That codahale article you linked is surprising. Is that just a toy example or is it actually viable? I wouldn't think a "cryptographic" hash of one input sharing any prefix with another input would leak any information about the plaintext due to the avalanche effect. I thought that was possible for encrypted values but not hashed values.
chrismorgan's comment about plaintext only is what I would've assumed the attack was limited to for passwords.
It's fundamentally the same attack as the plaintext case, although here it's breaking signature verification.
Here, the computation is
real_sig := Sign(msg)
Cmp(real_sig, provided_sig)
For a fixed message, Sign(msg) is constant time. So, with enough attempts you can create a high-resolution timer to tease apart subtle timing differences in Cmp.
(But this relies upon transmitting the plaintext password, you might say! If you transmit the hash directly, then you're again hosed. One option I've seen previously is transmitting a hash of the password, then hashing + salting it once more, which relies on avalanche effect as you suggest. I provide no guarantees re: the security of such an approach, though -- talk to an actual cryptographer!)
> One option I've seen previously is transmitting a hash of the password, then hashing + salting it once more, which relies on avalanche effect as you suggest.
If the client-side hash is fixed, this is no more secure than transmitting the plaintext password, since as far as the server is concerned, it is the password. You could, however, send a nonce to the client, send back H(nonce++password), calculate H(random++Hsent), and compare that to H(random++H(nonce++password)) calculated on the server.
> talk to an actual cryptographer
I am not your lawyer^Wcryptographer and this is not legal^Wcryptographic advice.
Yes. You could (probably should) add a additional password=PBKDF(real_password) if that's a problem (eg because of password reuse), but it's not a essential feature from a cryptographic perspective.
I brought it up mostly because I was hoping someone would point out how typing can easily fix such timing attacks, but yeah that was a legitimate issue. [1] shows a walkthrough of one attack.

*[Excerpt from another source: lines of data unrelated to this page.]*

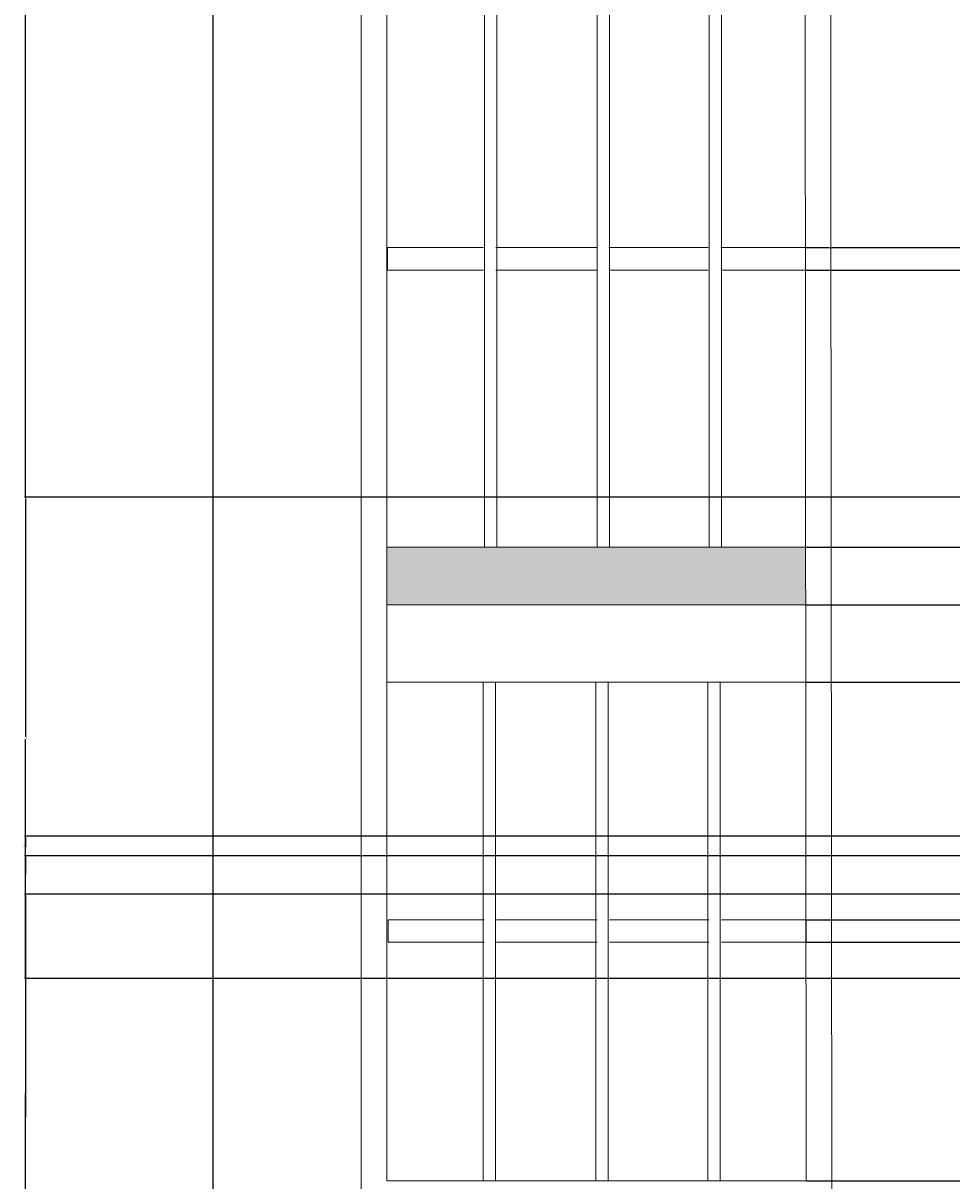
# Model space of a CAD drawing. Units: inches. Extents: x -14 to 375, y -86 to 549.
# Tile 6 of 12: x -14 to 130, y 156 to 336. Entities that reach past the tile are written whole.
import ezdxf

# ---------------------------------------------------------------- set-up
doc = ezdxf.new("R2010")
doc.units = ezdxf.units.IN
doc.header["$MEASUREMENT"] = 0
for name, color, linetype, lineweight in [('A-ANNO-DIMS', 2, 'Continuous', 18), ('A-ELEV', 7, 'Continuous', 25), ('A-ELEV-PATT', 8, 'Continuous', 13), ('A-GLAZ', 4, 'Continuous', 18)]:
    doc.layers.add(name, color=color, linetype=linetype, lineweight=lineweight)
doc.styles.get("Standard").update_dxf_attribs({"font": 'arial.ttf'})
doc.dimstyles.get("Standard").update_dxf_attribs({"dimtxt": 0.18, "dimasz": 0.18, "dimexe": 0.18, "dimexo": 0.0625, "dimgap": 0.09, "dimtad": 0, "dimtih": 1, "dimtoh": 1, "dimdec": 4, "dimzin": 0, "dimdsep": 46, "dimtxsty": 'Standard', "dimcen": 0.09, "dimadec": 0, "dimazin": 0, "dimtfac": 1, "dimtdec": 4, "dimtofl": 0, "dimtmove": 0, "dimatfit": 3, "dimfxl": 1, "dimtolj": 1, "dimtzin": 0, "dimarcsym": 0})

# ---------------------------------------------------------------- blocks, each defined once
blk = doc.blocks.new('*D15')
at = {"layer": 'A-ANNO-DIMS', "color": 0, "lineweight": -2, "transparency": 16777216}
for p, q in [((134.17, 187.85), (-13.88, 187.85)), ((-13.7, 187.67), (-13.7, 170.29)), ((-13.7, 152.56), (-13.7, 169.93)), ((38.44, 152.38), (-13.88, 152.38))]:
    blk.add_line(p, q, dxfattribs=at)
at = {"layer": 'A-ANNO-DIMS', "color": 0, "transparency": 16777216}
for points in [[(-13.73, 187.67), (-13.67, 187.67), (-13.7, 187.85)], [(-13.73, 152.56), (-13.67, 152.56), (-13.7, 152.38)]]:
    blk.add_solid(points, dxfattribs=at)
at = {"layer": 'Defpoints', "color": 0, "transparency": 16777216}
for p in [(-13.7, 187.85), (134.23, 187.85), (38.5, 152.38)]:
    blk.add_point(p, dxfattribs=at)
at = {"layer": 'A-ANNO-DIMS', "color": 0, "transparency": 16777216, "insert": (-13.7, 170.11), "char_height": 0.18, "attachment_point": 5}
blk.add_mtext('\\A1;35.47', dxfattribs=at)
blk = doc.blocks.new('*D16')
at = {"layer": 'A-ANNO-DIMS', "color": 0, "lineweight": -2, "transparency": 16777216}
for p, q in [((134.17, 262.71), (-13.88, 262.71)), ((-13.7, 262.53), (-13.7, 225.46)), ((-13.7, 188.03), (-13.7, 225.09)), ((134.17, 187.85), (-13.88, 187.85))]:
    blk.add_line(p, q, dxfattribs=at)
at = {"layer": 'A-ANNO-DIMS', "color": 0, "transparency": 16777216}
for points in [[(-13.73, 262.53), (-13.67, 262.53), (-13.7, 262.71)], [(-13.73, 188.03), (-13.67, 188.03), (-13.7, 187.85)]]:
    blk.add_solid(points, dxfattribs=at)
at = {"layer": 'Defpoints', "color": 0, "transparency": 16777216}
for p in [(-13.7, 262.71), (134.23, 262.71), (134.23, 187.85)]:
    blk.add_point(p, dxfattribs=at)
at = {"layer": 'A-ANNO-DIMS', "color": 0, "transparency": 16777216, "insert": (-13.7, 225.28), "char_height": 0.18, "attachment_point": 5}
blk.add_mtext('\\A1;74.86', dxfattribs=at)
blk = doc.blocks.new('*D17')
at = {"layer": 'A-ANNO-DIMS', "color": 0, "lineweight": -2, "transparency": 16777216}
for p, q in [((38.44, 432.97), (-13.88, 432.97)), ((-13.7, 432.79), (-13.7, 348.02)), ((-13.7, 262.89), (-13.7, 347.66)), ((134.17, 262.71), (-13.88, 262.71))]:
    blk.add_line(p, q, dxfattribs=at)
at = {"layer": 'A-ANNO-DIMS', "color": 0, "transparency": 16777216}
for points in [[(-13.73, 432.79), (-13.67, 432.79), (-13.7, 432.97)], [(-13.73, 262.89), (-13.67, 262.89), (-13.7, 262.71)]]:
    blk.add_solid(points, dxfattribs=at)
at = {"layer": 'Defpoints', "color": 0, "transparency": 16777216}
for p in [(-13.7, 432.97), (38.5, 432.97), (134.23, 262.71)]:
    blk.add_point(p, dxfattribs=at)
at = {"layer": 'A-ANNO-DIMS', "color": 0, "transparency": 16777216, "insert": (-13.7, 347.84), "char_height": 0.18, "attachment_point": 5}
blk.add_mtext('\\A1;170.26', dxfattribs=at)
blk = doc.blocks.new('*D29')
at = {"layer": 'A-ANNO-DIMS', "color": 0, "lineweight": -2, "transparency": 16777216}
for p, q in [((107.74, 193.48), (374.54, 193.48)), ((374.36, 193.3), (374.36, 175.11)), ((374.36, 156.56), (374.36, 174.75)), ((107.76, 156.38), (374.54, 156.38))]:
    blk.add_line(p, q, dxfattribs=at)
at = {"layer": 'A-ANNO-DIMS', "color": 0, "transparency": 16777216}
for points in [[(374.33, 193.3), (374.39, 193.3), (374.36, 193.48)], [(374.33, 156.56), (374.39, 156.56), (374.36, 156.38)]]:
    blk.add_solid(points, dxfattribs=at)
at = {"layer": 'Defpoints', "color": 0, "transparency": 16777216}
for p in [(107.68, 193.48), (374.36, 193.48), (107.7, 156.38)]:
    blk.add_point(p, dxfattribs=at)
at = {"layer": 'A-ANNO-DIMS', "color": 0, "transparency": 16777216, "insert": (374.36, 174.93), "char_height": 0.18, "attachment_point": 5}
blk.add_mtext('\\A1;37.106', dxfattribs=at)
blk = doc.blocks.new('*D30')
at = {"layer": 'A-ANNO-DIMS', "color": 0, "lineweight": -2, "transparency": 16777216}
for p, q in [((107.74, 196.98), (374.54, 196.98)), ((374.36, 196.8), (374.36, 195.41)), ((374.36, 193.66), (374.36, 195.05)), ((107.74, 193.48), (374.54, 193.48))]:
    blk.add_line(p, q, dxfattribs=at)
at = {"layer": 'A-ANNO-DIMS', "color": 0, "transparency": 16777216}
for points in [[(374.33, 196.8), (374.39, 196.8), (374.36, 196.98)], [(374.33, 193.66), (374.39, 193.66), (374.36, 193.48)]]:
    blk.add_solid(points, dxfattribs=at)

In the particular case of password verification, I don't think it'd be that bad. It simply gives attackers more information than they should have. The issues are obvious if the hash doesn't have perfect diffusion. It also allows you to begin reconstructing the hash and performing offline attacks e.g. to avoid (already too-lax) rate limits.
One thing that bothered me from an initial skim of that medium post:
> Even if the difference is only 0.0011 nanoseconds, the test is reproducible and each gives similar results.
From the graphs, this should read 0.0011 _milliseconds_. 0.0011 ns is eons faster than any CPU clocks out there (roughly 900 GHz), and would take a heck of a lot more samples :) Meanwhile, 0.0011 ms is on the order of a microsecond, which is very doable.
chrismorgan's comment about plaintext only is what I would've assumed the attack was limited to for passwords.